Statistik Aggression. Sie sind jung, sie sind stark – dementsprechend heftig sind sie in der Lage, ihre Aggressionen auszuleben. „Es gibt keine gefährlichere Gruppe als die der jungen Männer“, sagt Gerichtspsychiaterin Adelheid Kastner. Erklärungsansätze gebe es viele – vom hormonellen Hintergrund (das Testosteron ist schuld) bis zum sozialpsychologischen (das Umfeld ist schuld).
Seit Urzeiten versuchen Männer in diesem Alter, ihren Platz in der Gesellschaft zu festigen.

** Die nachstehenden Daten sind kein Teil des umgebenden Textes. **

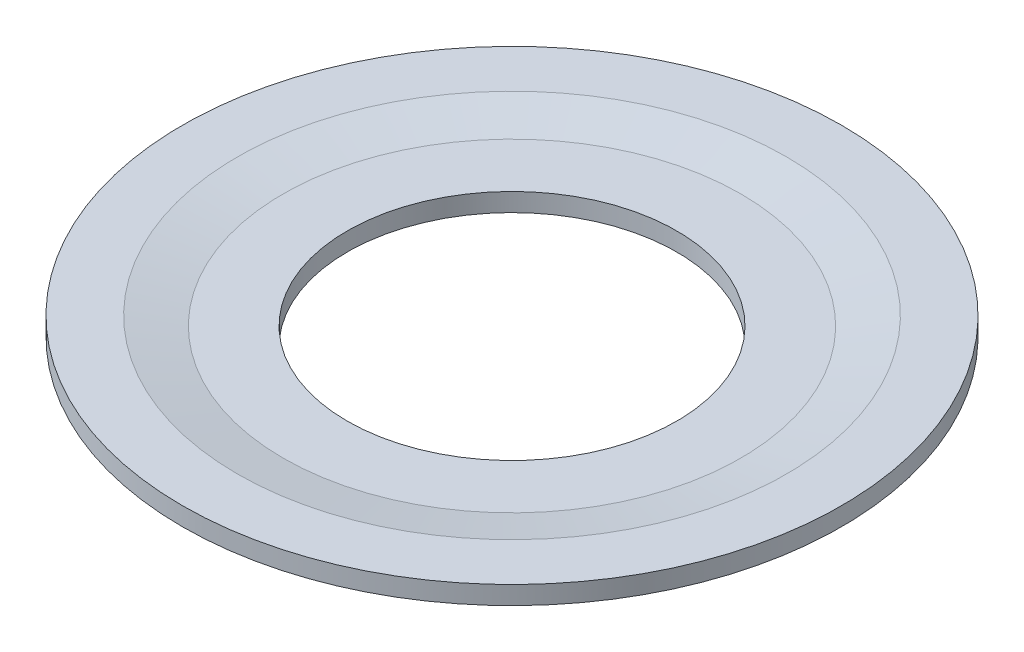
from build123d import *

# Parameters (mm, degrees)
SCALE_1_SCALE = 1.875


with BuildPart() as part:
    # Sketch1 → Revolve1 (revolve)
    with BuildSketch(Plane.XY, mode=Mode.PRIVATE) as revolve1_sk:
        Polygon((0, 0), (0, 2), (7, 2), (12, 2.997347898), (18, 2.997347898), (18, 1), (12, 1), (6, 0), align=None)
    revolve(revolve1_sk.sketch.rotate(Axis((-18, 6.77671814, 0), (0, -1, 0)), 90), axis=Axis((-18, 6.77671814, 0), (0, -1, 0)))


with BuildPart() as part_1:
    # Scale 1: scaled about (-18, 1.56874625, 0)
    add(part.part.scale(SCALE_1_SCALE).moved(Location((15.75, -1.372652969, 0))))


solid = part_1.part
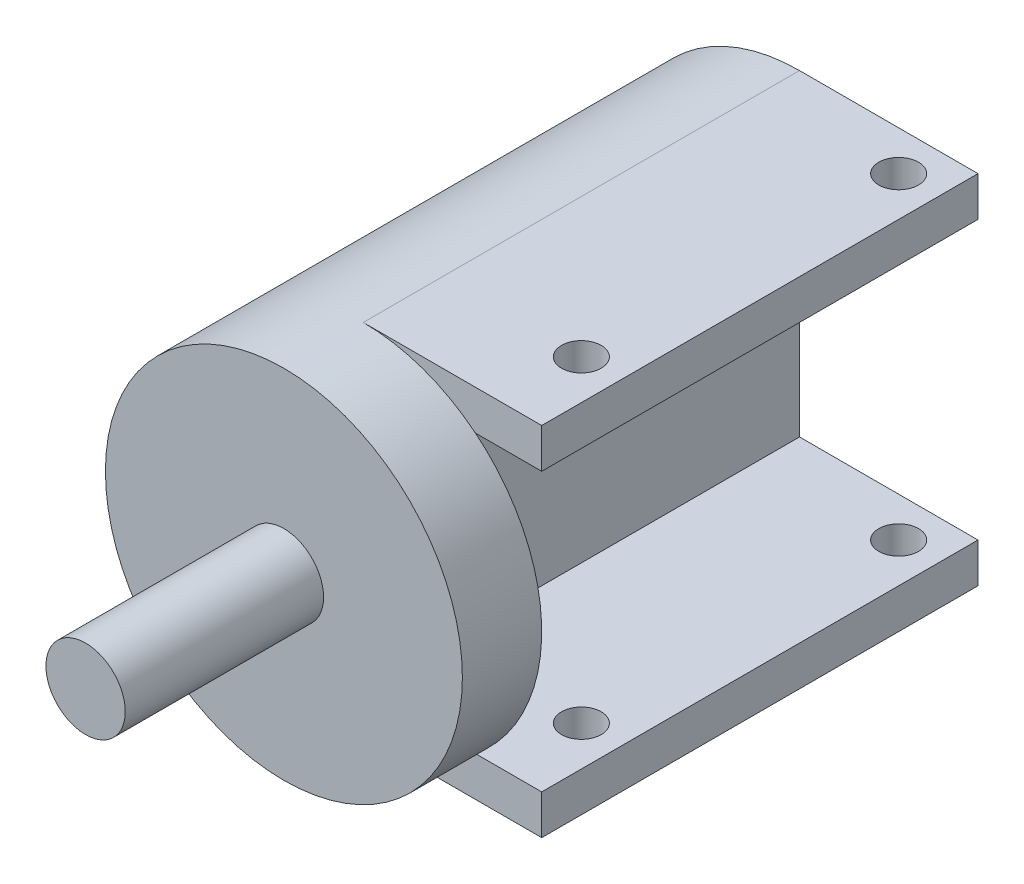
from build123d import *

# Parameters (mm, degrees)
SKETCH_1_R          = 22.5
EXTRUDE_1_DEPTH     = 65
SKETCH_2_R          = 5
EXTRUDE_2_DEPTH     = 25
SKETCH_3_W          = 22.5
SKETCH_3_H          = 55
EXTRUDE_3_DEPTH     = 5
SKETCH_4_W          = 22.5
SKETCH_4_H          = 55
EXTRUDE_4_DEPTH     = 5
CUT_EXTRUDE_1_DEPTH = 55
SKETCH_6_R          = 2.5
CUT_EXTRUDE_2_DEPTH = 60


with BuildPart() as part:
    # 草图1 → 凸台-拉伸1 (new body)
    with BuildSketch(Plane.XY):
        Circle(SKETCH_1_R)
    extrude(amount=EXTRUDE_1_DEPTH)

    # 草图2 → 凸台-拉伸2 (add)
    with BuildSketch(Plane.XY.offset(65)):
        Circle(SKETCH_2_R)
    extrude(amount=EXTRUDE_2_DEPTH)

    # 草图3 → 凸台-拉伸3 (add)
    with BuildSketch(Plane(origin=(0, 22.5, 0), x_dir=(-1, 0, 0), z_dir=(0, 1, 0))):
        with Locations((-11.25, 27.5)):
            Rectangle(SKETCH_3_W, SKETCH_3_H)
    extrude(amount=-EXTRUDE_3_DEPTH)

    # 草图4 → 凸台-拉伸4 (add)
    with BuildSketch(Plane(origin=(0, -22.5, 0), x_dir=(-1, 0, 0), z_dir=(0, 1, 0))):
        with Locations((-11.25, 27.5)):
            Rectangle(SKETCH_4_W, SKETCH_4_H)
    extrude(amount=EXTRUDE_4_DEPTH)

    # 草图5 → 切除-拉伸1 (cut)
    with BuildSketch(Plane(origin=(0, 0, 0), x_dir=(-1, 0, 0), z_dir=(0, 0, -1))):
        with BuildLine():
            Line((-14.142135624, -17.5), (0, -17.5))
            Line((0, -17.5), (0, 17.5))
            Line((0, 17.5), (-14.142135624, 17.5))
            ThreePointArc((-14.142135624, 17.5), (-22.5, 0), (-14.142135624, -17.5))
        make_face()
    extrude(amount=-CUT_EXTRUDE_1_DEPTH, mode=Mode.SUBTRACT)

    # 草图6 → 切除-拉伸2 (cut)
    with BuildSketch(Plane.XZ.offset(22.5)):
        with Locations(Location((17.5, 5, 0), (0, 0, 270))):
            Circle(SKETCH_6_R)
        with Locations(Location((17.5, 45, 0), (0, 0, 270))):
            Circle(SKETCH_6_R)
    extrude(amount=-CUT_EXTRUDE_2_DEPTH, mode=Mode.SUBTRACT)


solid = part.part

Oder, wie es der britische Forscher Simon Baron-Cohen pointiert ausdrückt: „Die tapfersten und geschicktesten Kämpfer im Wettbewerb unter Männern erringen den höchsten sozialen Status und sichern sich dadurch die meisten Frauen und Nachkommen.“
„Voll im Saft“
Als gesichert gilt laut Kastner, dass die körperliche Fitness mit Gewaltbereitschaft in Zusammenhang steht. Mitte 20 stünden die meisten Männer „voll im Saft“. Ab dem 60. Lebensjahr sinke die Wahr- scheinlichkeit, Täter zu werden, signifikant. „Das ist das Alter, in dem die Energie abnimmt“, erklärt sie.
Eine Zunahme an Gewalttaten durch junge Männer sei über die Jahrzehnte nicht belegt, betont Kastner. Aber: „Häufiger als früher wird das Phänomen wahrgenommen, dass junge Täter die natürliche Hemmschwelle überschreiten und ihr Opfer noch schädigen, obwohl diese schon wehrlos am Boden sind. Statistisch lässt sich das aber nicht nachweisen.“
Übertriebene, nicht mehr nachvollziehbare Gewalt ließe sich oft auch dadurch erklären, dass der Täter seine aufgestaute Wut aus früheren Enttäuschungen an seinem Opfer auslässt.